A requirement accordingly exists for a nanofiller composition or nanocomposite containing thermoplastic polymers which has improved properties so that the products made from these compositions perform well, particularly at temperatures above ambient and/or in difficult environments such as exposure to chemicals, solvents, oils, fuels or short circuits.
The present invention provides a cross-linkable and/or cross-linked nanofiller composition which comprises a cross-linkable and/or cross-linked ethylene (co)polymer and an intercalated nanofiller.
Preferably, the composition further comprises an organic silane grafted to the ethylene (co)polymer and/or intercalated into the nanofiller.
The present invention also provides a process for preparing a cross-linkable and/or cross-linked nanofiller composition which comprises either:
In another aspect of the process, the ethylene (co)polymer and/or nanofiller are subjected to grafting either before, during or after the mixing and delaminating and/or exfoliating step(s). The grafting preferably involves treating the ethylene (co)polymer and/or nanofiller with an organic silane which is then grafted onto the (co)polymer and/or intercalated into the nanofiller using a free radical initiator.
The present invention further provides an article which is wholly or partly composed of the nanofiller composition defined above.
In a further aspect, the present invention provides a process for preparing the article defined above which comprises either:
Suitable ethylene (co)polymers include polyethylene and ethylene based alkene or alphaolefin copolymers, for example, high density polyethylene (HDPE), medium density polyethylene (MDPE), linear low density polyethylene (LLDPE), low density polyethylene (LDPE), very low density polyethylene (VLDPE), and ultra low density polyethylene (ULDPE); ethylene hexene copolymers and ethylene octene copolymers; butylene (co)polymers such as polybutylene and polyisobutylene; ethylene-propylene copolymers (EPM); ethylene-propylene-diene terpolymers (EPDM); ethylene-butylene copolymers (EBM) and terpolymers (EBDM); ethylene-vinylsilane (co)polymers; copolymers or terpolymers of ethylene with acrylic acid (EA) or ethylene with ethylene acrylate and acrylic acid (EAA) or methacrylic acid (EMA); and copolymers of ethylene with ethylacrylate (EEA), butyl-acrylate (EBA) or vinyl acetate (EVA). It will be appreciated that these ethylene (co)polymers may also be in the form of metallocene catalyst (co)polymers.

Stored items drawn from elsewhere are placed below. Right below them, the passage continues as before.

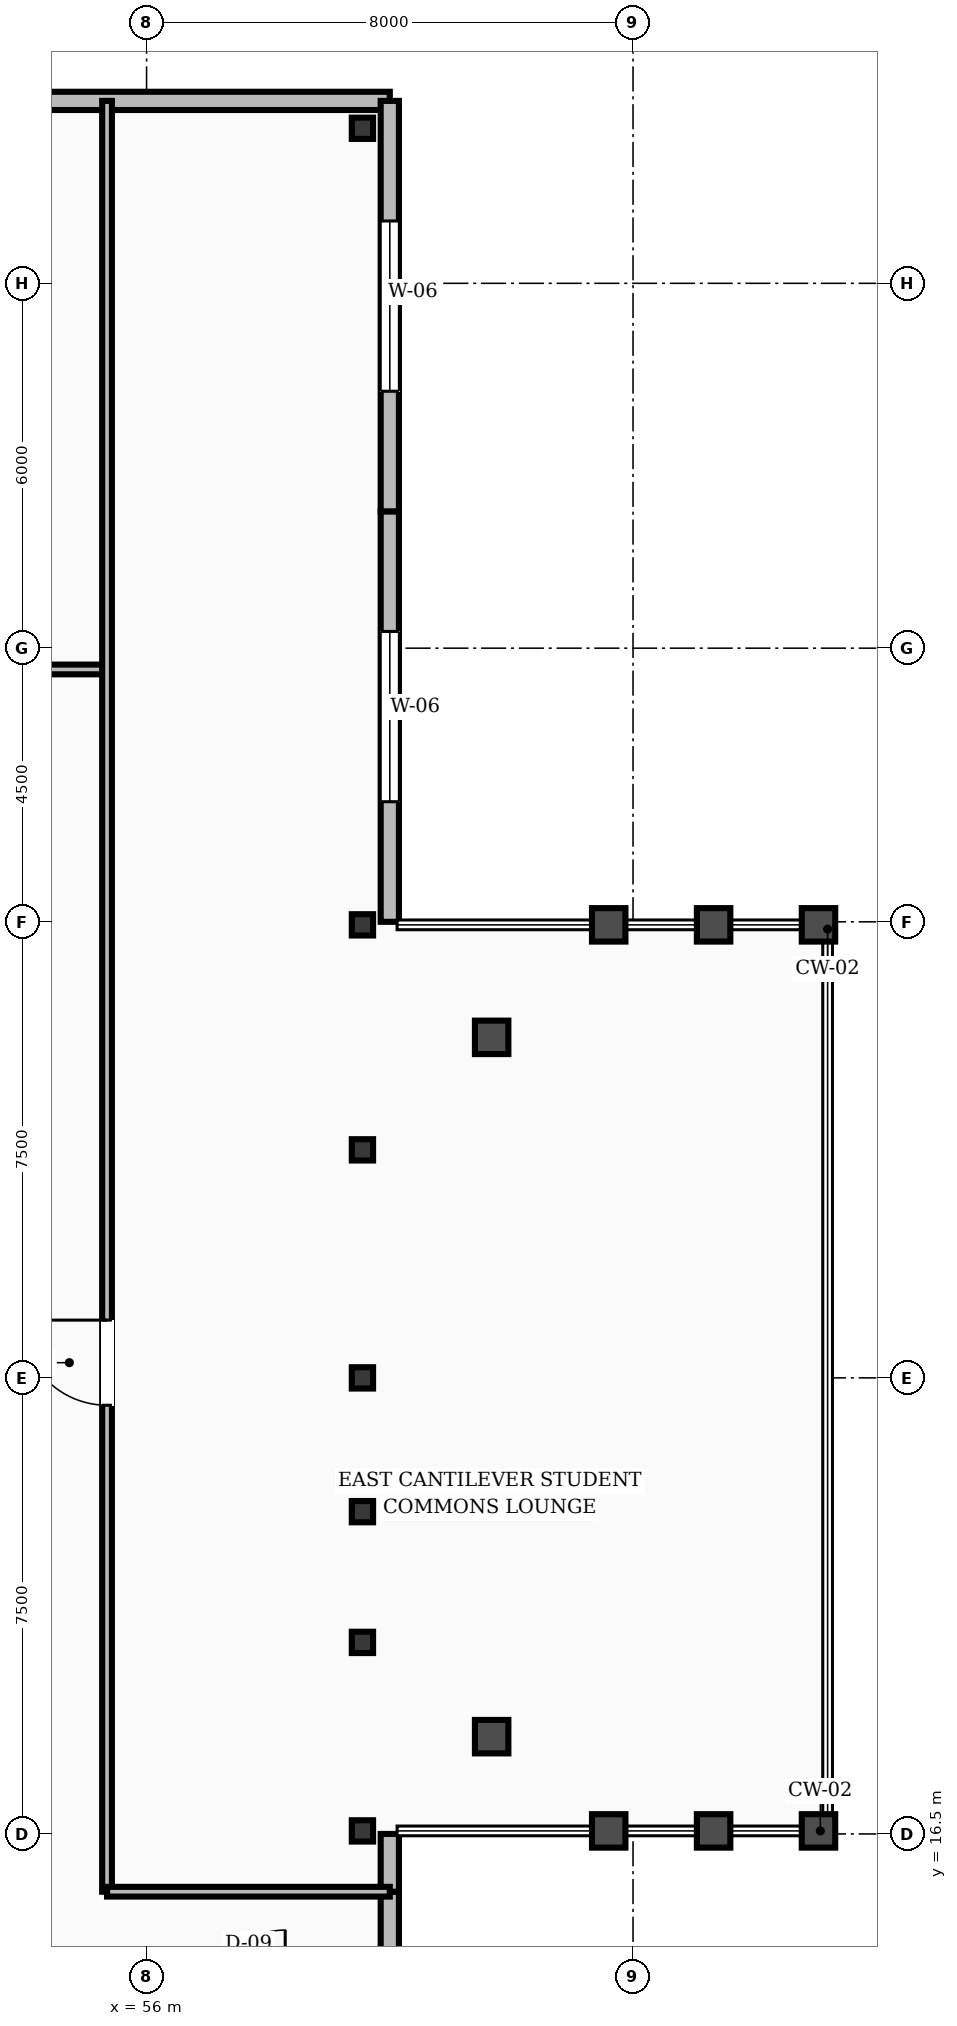
"""IFC4 building model, lengths in metres.
Left out: names, types, materials, properties, quantities, classifications, styles, units other than length and angle.
Written with IfcOpenShell. Run it as: python <this file> out.ifc"""

import sys

from ifc_helpers import new_model, si_unit, direction, frame, frame_2d, origin, origin_2d, place, context, subcontext, project, spatial, rectangle, hollow_rectangle, i_section, extrude, element, fill, save


model = new_model("IFC4")
c1 = context("Model", 3, precision=1e-05, world=origin(), true_north=direction((0.0, 1.0)))
c2 = subcontext(c1, "Body", "Model", "MODEL_VIEW")
j1 = project(units=[si_unit("LENGTHUNIT", "METRE"), si_unit("PLANEANGLEUNIT", "RADIAN")], contexts=[c1])
p1 = place(None, origin())
s1 = spatial("IfcSite", under=j1, at=p1, CompositionType="ELEMENT")
p2 = place(p1, origin())
s2 = spatial("IfcBuilding", under=s1, at=p2, CompositionType="ELEMENT")
p3 = place(p2, frame((0.0, 0.0, 10.0)))
s3 = spatial("IfcBuildingStorey", under=s2, at=p3, CompositionType="ELEMENT", Elevation=10.0)
for number, where, z_axis, x_axis in (
    (1, (59.55, 44.55, 0.0), (0.0, 0.0, 1.0), (1.0, 0.0, 0.0)),
    (2, (59.55, 16.55, 0.0), (0.0, 0.0, 1.0), (1.0, 0.0, 0.0)),
    (3, (59.55, 19.65, 0.0), (0.0, 0.0, 1.0), (1.0, 0.0, 0.0)),
    (4, (59.55, 24.0, 0.0), (0.0, 0.0, 1.0), (1.0, 0.0, 0.0)),
    (5, (59.55, 27.75, 0.0), (0.0, 0.0, 1.0), (1.0, 0.0, 0.0)),
    (6, (59.55, 31.45, 0.0), (0.0, 0.0, 1.0), (1.0, 0.0, 0.0)),
):
    element("IfcColumn", number, at=place(p3, frame(where, z_axis=z_axis, x_axis=x_axis)), inside=s3, PredefinedType="COLUMN", context=c2, shape_type="SweptSolid", body=[
        extrude(i_section(OverallWidth=0.35, OverallDepth=0.35, WebThickness=0.012, FlangeThickness=0.019, FilletRadius=0.016, at=origin_2d()), origin(), (0.0, 0.0, 1.0), 4.8),
    ])
p4 = place(p3, frame((59.55, 21.8, 0.0), z_axis=(0.0, 0.0, 1.0), x_axis=(1.0, 0.0, 0.0)))
e7 = element("IfcColumn", 7, at=p4, inside=s3, PredefinedType="PILASTER", context=c2, shape_type="SweptSolid", body=[
    extrude(hollow_rectangle(XDim=0.35, YDim=0.35, WallThickness=0.016, at=origin_2d()), origin(), (0.0, 0.0, 1.0), 4.8),
])
p5 = place(p3, frame((60.0, 45.0, 0.0), z_axis=(0.0, 0.0, 1.0), x_axis=(-1.0, 0.0, 0.0)))
e8 = element("IfcWall", 8, at=p5, inside=s3, PredefinedType="STANDARD", context=c2, shape_type="SweptSolid", body=[
    extrude(rectangle(XDim=8.0, YDim=0.3, at=frame_2d((4.0, 0.0))), origin(), (0.0, 0.0, 1.0), 3.57),
])
p6 = place(p3, frame((60.0, 13.72, 0.0), z_axis=(0.0, 0.0, 1.0), x_axis=(0.0, 1.0, 0.0)))
e9 = element("IfcWall", 9, at=p6, inside=s3, PredefinedType="STANDARD", context=c2, shape_type="SweptSolid", body=[
    extrude(rectangle(XDim=1.83, YDim=0.3, at=frame_2d((0.915, 0.0))), origin(), (0.0, 0.0, 1.0), 3.57),
])
p7 = place(p3, frame((60.0, 15.55, 0.0), z_axis=(0.0, 0.0, 1.0), x_axis=(0.0, 1.0, 0.0)))
e10 = element("IfcWall", 10, at=p7, inside=s3, PredefinedType="STANDARD", context=c2, shape_type="SweptSolid", body=[
    extrude(rectangle(XDim=0.95, YDim=0.3, at=frame_2d((0.475, 0.0))), origin(), (0.0, 0.0, 1.0), 3.57),
])
p8 = place(p3, frame((60.0, 31.5, 0.0), z_axis=(0.0, 0.0, 1.0), x_axis=(0.0, 1.0, 0.0)))
e11 = element("IfcWall", 11, at=p8, inside=s3, PredefinedType="STANDARD", context=c2, shape_type="SweptSolid", body=[
    extrude(rectangle(XDim=6.75, YDim=0.3, at=frame_2d((3.375, 0.0))), origin(), (0.0, 0.0, 1.0), 3.57),
])
p9 = place(p8, frame((1.975, 0.0, 0.85)))
e12 = element("IfcOpeningElement", 12, at=p9, cuts=e11, PredefinedType="OPENING", context=c2, shape_type="SweptSolid", body=[
    extrude(rectangle(XDim=2.8, YDim=2.3, at=frame_2d((1.4, 1.15))), frame((0.0, 0.16, 0.0), z_axis=(0.0, -1.0, 0.0), x_axis=(1.0, 0.0, 0.0)), (0.0, 0.0, 1.0), 0.32),
])
p10 = place(p3, frame((60.0, 38.25, 0.0), z_axis=(0.0, 0.0, 1.0), x_axis=(0.0, 1.0, 0.0)))
e13 = element("IfcWall", 13, at=p10, inside=s3, PredefinedType="STANDARD", context=c2, shape_type="SweptSolid", body=[
    extrude(rectangle(XDim=6.75, YDim=0.3, at=frame_2d((3.375, 0.0))), origin(), (0.0, 0.0, 1.0), 3.57),
])
p11 = place(p10, frame((1.975, 0.0, 0.85)))
e14 = element("IfcOpeningElement", 14, at=p11, cuts=e13, PredefinedType="OPENING", context=c2, shape_type="SweptSolid", body=[
    extrude(rectangle(XDim=2.8, YDim=2.3, at=frame_2d((1.4, 1.15))), frame((0.0, 0.16, 0.0), z_axis=(0.0, -1.0, 0.0), x_axis=(1.0, 0.0, 0.0)), (0.0, 0.0, 1.0), 0.32),
])
p12 = place(p3, frame((8.65, 35.65, 0.0), z_axis=(0.0, 0.0, 1.0), x_axis=(1.0, 0.0, 0.0)))
e15 = element("IfcWall", 15, at=p12, inside=s3, PredefinedType="SOLIDWALL", context=c2, shape_type="SweptSolid", body=[
    extrude(rectangle(XDim=46.7, YDim=0.16, at=frame_2d((23.35, 0.0))), origin(), (0.0, 0.0, 1.0), 3.52),
])
p13 = place(p12, frame((10.0, 0.0, 0.0)))
e16 = element("IfcOpeningElement", 16, at=p13, cuts=e15, PredefinedType="OPENING", context=c2, shape_type="SweptSolid", body=[
    extrude(rectangle(XDim=1.4, YDim=2.15, at=frame_2d((0.7, 1.075))), frame((0.0, 0.09, 0.0), z_axis=(0.0, -1.0, 0.0), x_axis=(1.0, 0.0, 0.0)), (0.0, 0.0, 1.0), 0.18),
])
p14 = place(p12, frame((28.0, 0.0, 0.0)))
e17 = element("IfcOpeningElement", 17, at=p14, cuts=e15, PredefinedType="OPENING", context=c2, shape_type="SweptSolid", body=[
    extrude(rectangle(XDim=1.2, YDim=2.1, at=frame_2d((0.6, 1.05))), frame((0.0, 0.09, 0.0), z_axis=(0.0, -1.0, 0.0), x_axis=(1.0, 0.0, 0.0)), (0.0, 0.0, 1.0), 0.18),
])
p15 = place(p12, frame((43.0, 0.0, 0.0)))
e18 = element("IfcOpeningElement", 18, at=p15, cuts=e15, PredefinedType="OPENING", context=c2, shape_type="SweptSolid", body=[
    extrude(rectangle(XDim=0.95, YDim=2.1, at=frame_2d((0.475, 1.05))), frame((0.0, 0.09, 0.0), z_axis=(0.0, -1.0, 0.0), x_axis=(1.0, 0.0, 0.0)), (0.0, 0.0, 1.0), 0.18),
])
p16 = place(p3, frame((55.35, 15.55, 0.0), z_axis=(0.0, 0.0, 1.0), x_axis=(0.0, 1.0, 0.0)))
e19 = element("IfcWall", 19, at=p16, inside=s3, PredefinedType="SOLIDWALL", context=c2, shape_type="SweptSolid", body=[
    extrude(rectangle(XDim=29.45, YDim=0.16, at=frame_2d((14.725, 0.0))), origin(), (0.0, 0.0, 1.0), 3.52),
])
p17 = place(p16, frame((8.0, 0.0, 0.0)))
e20 = element("IfcOpeningElement", 20, at=p17, cuts=e19, PredefinedType="OPENING", context=c2, shape_type="SweptSolid", body=[
    extrude(rectangle(XDim=1.4, YDim=2.15, at=frame_2d((0.7, 1.075))), frame((0.0, 0.09, 0.0), z_axis=(0.0, -1.0, 0.0), x_axis=(1.0, 0.0, 0.0)), (0.0, 0.0, 1.0), 0.18),
])
p18 = place(p3, frame((55.35, 15.55, 0.0), z_axis=(0.0, 0.0, 1.0), x_axis=(1.0, 0.0, 0.0)))
e21 = element("IfcWall", 21, at=p18, inside=s3, PredefinedType="SOLIDWALL", context=c2, shape_type="SweptSolid", body=[
    extrude(rectangle(XDim=4.65, YDim=0.16, at=frame_2d((2.325, 0.0))), origin(), (0.0, 0.0, 1.0), 3.52),
])
p19 = place(p9, origin())
e22 = element("IfcWindow", 22, at=p19, inside=s3, PartitioningType="SINGLE_PANEL", PredefinedType="WINDOW", context=c2, shape_type="SweptSolid", body=[
    extrude(rectangle(XDim=2.8, YDim=2.3, at=frame_2d((1.4, 1.15))), frame((0.0, 0.03, 0.0), z_axis=(0.0, -1.0, 0.0), x_axis=(1.0, 0.0, 0.0)), (0.0, 0.0, 1.0), 0.06),
])
fill(e12, e22)
p20 = place(p11, origin())
e23 = element("IfcWindow", 23, at=p20, inside=s3, PartitioningType="SINGLE_PANEL", PredefinedType="WINDOW", context=c2, shape_type="SweptSolid", body=[
    extrude(rectangle(XDim=2.8, YDim=2.3, at=frame_2d((1.4, 1.15))), frame((0.0, 0.03, 0.0), z_axis=(0.0, -1.0, 0.0), x_axis=(1.0, 0.0, 0.0)), (0.0, 0.0, 1.0), 0.06),
])
fill(e14, e23)
p21 = place(p17, origin())
e24 = element("IfcDoor", 24, at=p21, inside=s3, OperationType="SINGLE_SWING_RIGHT", PredefinedType="DOOR", context=c2, shape_type="SweptSolid", body=[
    extrude(rectangle(XDim=1.4, YDim=2.15, at=frame_2d((0.7, 1.075))), frame((0.0, 0.025, 0.0), z_axis=(0.0, -1.0, 0.0), x_axis=(1.0, 0.0, 0.0)), (0.0, 0.0, 1.0), 0.05),
])
fill(e20, e24)
save(model, sys.argv[1])

The ethylene (co)polymers or part of the ethylene (co)polymers may be grafted with compounds containing carboxylic acid or anhydride groups such as maleic anhydride or acid or fumaric anhydride or acid which may facilitate the exfoliation and/or delamination of the nanofiller. Examples of grafted ethylene (co)polymers suitable for use in the present invention include maleic anhydride (MAH) or maleic acid grafted copolymers such as LDPE-MAH, HDPE-MAH, EP-MAH, EPR-MAH, PE-MAH or PP-MAH.
In a preferred embodiment, the ethylene (co)polymer contains or has added, for example, by grafting, polar groups, such as carboxylic groups, for example, EEA or EA, maleic groups or ester groups, for example, EVA, EEA or EBA.
The amount of (co)polymer with polar groups should preferably be at least about 0.01% of the total (co)polymer, more preferably at least about 0.5%, most preferably at least about 5% and even more preferably at least about 8%. In the case of premix masterbatches/concentrates of nanofiller with (co)polymer(s) the amount of (co)polymer with polar groups is preferably at least about 10%, more preferably at least about 15%, most preferably at least about 25% of the (co)polymer in the masterbatch/concentrate.
The ethylene content of the ethylene-propylene copolymers is preferably about 10 to about 99.9% by weight, more preferably about 40 to about 99.9% by weight, most preferably about 75 to about 99.9% by weight. Unless stated otherwise, it will be understood that the term “% by weight” as used herein is based on the total weight of (co) polymer.
The vinyl acetate content of the ethylene-vinyl acetate copolymer (EVA) is preferably about 3 to about 80% by weight, more preferably about 9 to about 70% by weight. The vinyl acetate content is preferably about 9 to about 30% by weight for plastomeric EVA and about 38 to about 50% by weight for elastomeric EVA.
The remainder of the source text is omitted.